Modèle de désinformation
Ce n’est pas la première fois que M. Várhelyi est accusé de déformer les données scientifiques relatives à la réduction des risques liés au tabac. Dans un billet précédent, il affirmait que les nouveaux produits à base de nicotine et de tabac présentaient des risques pour la santé « comparables à ceux des produits traditionnels ». Cette déclaration a été rapidement suivie d’une note de la communauté sur X, précisant que les preuves scientifiques démontrent le contraire.

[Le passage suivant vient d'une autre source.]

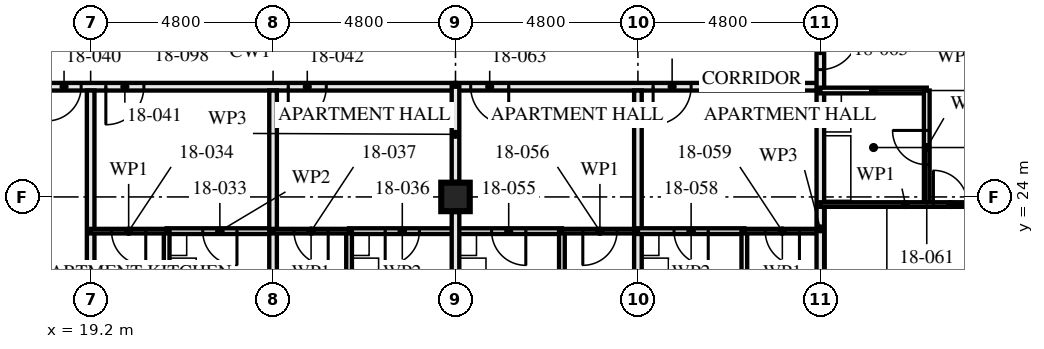
"""IFC4 building model, lengths in metres.
Left out: names, types, materials, properties, quantities, classifications, styles, units other than length and angle.
Written with IfcOpenShell. Run it as: python <this file> out.ifc"""

import sys

from ifc_helpers import new_model, si_unit, direction, frame, frame_2d, origin, origin_2d, place, context, subcontext, project, spatial, rectangle, hollow_rectangle, extrude, element, fill, save


model = new_model("IFC4")
c1 = context("Model", 3, precision=1e-05, world=origin(), true_north=direction((0.0, 1.0)))
c2 = subcontext(c1, "Body", "Model", "MODEL_VIEW")
j1 = project(units=[si_unit("LENGTHUNIT", "METRE"), si_unit("PLANEANGLEUNIT", "RADIAN")], contexts=[c1])
p1 = place(None, origin())
s1 = spatial("IfcSite", under=j1, at=p1, CompositionType="ELEMENT")
p2 = place(p1, origin())
s2 = spatial("IfcBuilding", under=s1, at=p2, CompositionType="ELEMENT")
p3 = place(p2, frame((0.0, 0.0, 69.0)))
s3 = spatial("IfcBuildingStorey", under=s2, at=p3, CompositionType="ELEMENT", Elevation=69.0)
p4 = place(p3, frame((28.8, 24.0, 0.0), z_axis=(0.0, 0.0, 1.0), x_axis=(1.0, 0.0, 0.0)))
e1 = element("IfcColumn", 1, at=p4, inside=s3, PredefinedType="COLUMN", context=c2, shape_type="SweptSolid", body=[
    extrude(hollow_rectangle(XDim=0.75, YDim=0.75, WallThickness=0.08, at=origin_2d()), origin(), (0.0, 0.0, 1.0), 3.5),
])
p5 = place(p3, frame((19.2, 14.72, 0.0), z_axis=(0.0, 0.0, 1.0), x_axis=(0.0, 1.0, 0.0)))
e2 = element("IfcWall", 2, at=p5, inside=s3, PredefinedType="PARTITIONING", context=c2, shape_type="SweptSolid", body=[
    extrude(rectangle(XDim=12.08, YDim=0.2, at=frame_2d((6.04, 0.0))), origin(), (0.0, 0.0, 1.0), 2.55),
])
p6 = place(p3, frame((21.2, 20.1, 0.0), z_axis=(0.0, 0.0, 1.0), x_axis=(0.0, 1.0, 0.0)))
e3 = element("IfcWall", 3, at=p6, inside=s3, PredefinedType="PARTITIONING", context=c2, shape_type="SweptSolid", body=[
    extrude(rectangle(XDim=3.0, YDim=0.15, at=frame_2d((1.5, 0.0))), origin(), (0.0, 0.0, 1.0), 3.33),
])
p7 = place(p3, frame((21.2, 23.1, 0.0), z_axis=(0.0, 0.0, 1.0), x_axis=(1.0, 0.0, 0.0)))
e4 = element("IfcWall", 4, at=p7, inside=s3, PredefinedType="PARTITIONING", context=c2, shape_type="SweptSolid", body=[
    extrude(rectangle(XDim=2.8, YDim=0.15, at=frame_2d((1.4, 0.0))), origin(), (0.0, 0.0, 1.0), 3.33),
])
p8 = place(p7, frame((0.95, 0.0, 0.0)))
e5 = element("IfcOpeningElement", 5, at=p8, cuts=e4, PredefinedType="OPENING", context=c2, shape_type="SweptSolid", body=[
    extrude(rectangle(XDim=0.9, YDim=2.1, at=frame_2d((0.45, 1.05))), frame((0.0, 0.085, 0.0), z_axis=(0.0, -1.0, 0.0), x_axis=(1.0, 0.0, 0.0)), (0.0, 0.0, 1.0), 0.171),
])
p9 = place(p3, frame((19.2, 23.1, 0.0), z_axis=(0.0, 0.0, 1.0), x_axis=(1.0, 0.0, 0.0)))
e6 = element("IfcWall", 6, at=p9, inside=s3, PredefinedType="PARTITIONING", context=c2, shape_type="SweptSolid", body=[
    extrude(rectangle(XDim=2.0, YDim=0.12, at=frame_2d((1.0, 0.0))), origin(), (0.0, 0.0, 1.0), 3.33),
])
p10 = place(p9, frame((0.55, 0.0, 0.0)))
e7 = element("IfcOpeningElement", 7, at=p10, cuts=e6, PredefinedType="OPENING", context=c2, shape_type="SweptSolid", body=[
    extrude(rectangle(XDim=0.9, YDim=2.1, at=frame_2d((0.45, 1.05))), frame((0.0, 0.071, 0.0), z_axis=(0.0, -1.0, 0.0), x_axis=(1.0, 0.0, 0.0)), (0.0, 0.0, 1.0), 0.141),
])
p11 = place(p3, frame((24.0, 14.72, 0.0), z_axis=(0.0, 0.0, 1.0), x_axis=(0.0, 1.0, 0.0)))
e8 = element("IfcWall", 8, at=p11, inside=s3, PredefinedType="PARTITIONING", context=c2, shape_type="SweptSolid", body=[
    extrude(rectangle(XDim=12.08, YDim=0.2, at=frame_2d((6.04, 0.0))), origin(), (0.0, 0.0, 1.0), 2.55),
])
p12 = place(p3, frame((26.0, 20.1, 0.0), z_axis=(0.0, 0.0, 1.0), x_axis=(0.0, 1.0, 0.0)))
e9 = element("IfcWall", 9, at=p12, inside=s3, PredefinedType="PARTITIONING", context=c2, shape_type="SweptSolid", body=[
    extrude(rectangle(XDim=3.0, YDim=0.15, at=frame_2d((1.5, 0.0))), origin(), (0.0, 0.0, 1.0), 3.33),
])
p13 = place(p3, frame((26.0, 23.1, 0.0), z_axis=(0.0, 0.0, 1.0), x_axis=(1.0, 0.0, 0.0)))
e10 = element("IfcWall", 10, at=p13, inside=s3, PredefinedType="PARTITIONING", context=c2, shape_type="SweptSolid", body=[
    extrude(rectangle(XDim=2.8, YDim=0.15, at=frame_2d((1.4, 0.0))), origin(), (0.0, 0.0, 1.0), 3.33),
])
p14 = place(p13, frame((0.95, 0.0, 0.0)))
e11 = element("IfcOpeningElement", 11, at=p14, cuts=e10, PredefinedType="OPENING", context=c2, shape_type="SweptSolid", body=[
    extrude(rectangle(XDim=0.9, YDim=2.1, at=frame_2d((0.45, 1.05))), frame((0.0, 0.085, 0.0), z_axis=(0.0, -1.0, 0.0), x_axis=(1.0, 0.0, 0.0)), (0.0, 0.0, 1.0), 0.171),
])
p15 = place(p3, frame((24.0, 23.1, 0.0), z_axis=(0.0, 0.0, 1.0), x_axis=(1.0, 0.0, 0.0)))
e12 = element("IfcWall", 12, at=p15, inside=s3, PredefinedType="PARTITIONING", context=c2, shape_type="SweptSolid", body=[
    extrude(rectangle(XDim=2.0, YDim=0.12, at=frame_2d((1.0, 0.0))), origin(), (0.0, 0.0, 1.0), 3.33),
])
p16 = place(p15, frame((0.55, 0.0, 0.0)))
e13 = element("IfcOpeningElement", 13, at=p16, cuts=e12, PredefinedType="OPENING", context=c2, shape_type="SweptSolid", body=[
    extrude(rectangle(XDim=0.9, YDim=2.1, at=frame_2d((0.45, 1.05))), frame((0.0, 0.071, 0.0), z_axis=(0.0, -1.0, 0.0), x_axis=(1.0, 0.0, 0.0)), (0.0, 0.0, 1.0), 0.141),
])
p17 = place(p3, frame((14.4, 26.9, 0.0), z_axis=(0.0, 0.0, 1.0), x_axis=(1.0, 0.0, 0.0)))
e14 = element("IfcWall", 14, at=p17, inside=s3, PredefinedType="PARTITIONING", context=c2, shape_type="SweptSolid", body=[
    extrude(rectangle(XDim=14.4, YDim=0.2, at=frame_2d((7.2, 0.0))), origin(), (0.0, 0.0, 1.0), 2.55),
])
p18 = place(p17, frame((1.4, 0.0, 0.0)))
e15 = element("IfcOpeningElement", 15, at=p18, cuts=e14, PredefinedType="OPENING", context=c2, shape_type="SweptSolid", body=[
    extrude(rectangle(XDim=1.0, YDim=2.1, at=frame_2d((0.5, 1.05))), frame((0.0, 0.111, 0.0), z_axis=(0.0, -1.0, 0.0), x_axis=(1.0, 0.0, 0.0)), (0.0, 0.0, 1.0), 0.221),
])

« Les nouveaux produits du tabac et de la nicotine sont comparables aux thérapies de remplacement de la nicotine, et non au tabagisme », peut-on lire dans la note, qui renvoie à de nombreuses études évaluées par des pairs et à des rapports gouvernementaux officiels montrant que les vapoteurs sont nettement moins exposés aux substances chimiques nocives, souvent à des niveaux comparables à ceux des non-consommateurs.
Elle fait suite à un épisode similaire survenu en début d’année, lorsque Wopke Hoekstra, commissaire néerlandais chargé de l’action pour le climat, a déclaré au parlement en février que « le vapotage tue ».
Alors que le tabagisme tue 700 000 Européens par an, aucune preuve ne vient étayer l’affirmation de M. Hoekstra selon laquelle le vapotage a causé des dommages comparables.
L’affirmation de M. Hoekstra a également été contredite par les propres données de l’UE. Le rapport du Parlement européen sur les nouveaux produits à base de nicotine confirme que les vapes sont beaucoup moins nocives que le tabagisme, les émissions toxiques étant réduites de 90 à 95 %.
La Suède montre une voie alternative
Les données recueillies en Suède montrent qu’il est important de faire la distinction entre la nicotine et le tabagisme. Malgré des taux de consommation de nicotine similaires à ceux d’autres pays européens, la Suède affiche une incidence de cancer du poumon inférieure de 41 % et le taux de mortalité lié au tabac le plus bas de l’UE. Ces résultats sont attribués à l’utilisation généralisée de produits sans fumée tels que le snus, les sachets de nicotine et les vapes.
Les défenseurs de cette cause estiment que l’UE devrait s’inspirer de la réussite de la Suède et adopter des stratégies de réduction des effets nocifs du tabac au lieu de diffuser des informations erronées. « Les gouvernements, les organismes de réglementation et la communauté médicale doivent être ouverts à de nouvelles idées telles que la réduction des risques liés au tabac », a déclaré M. Zimlichman.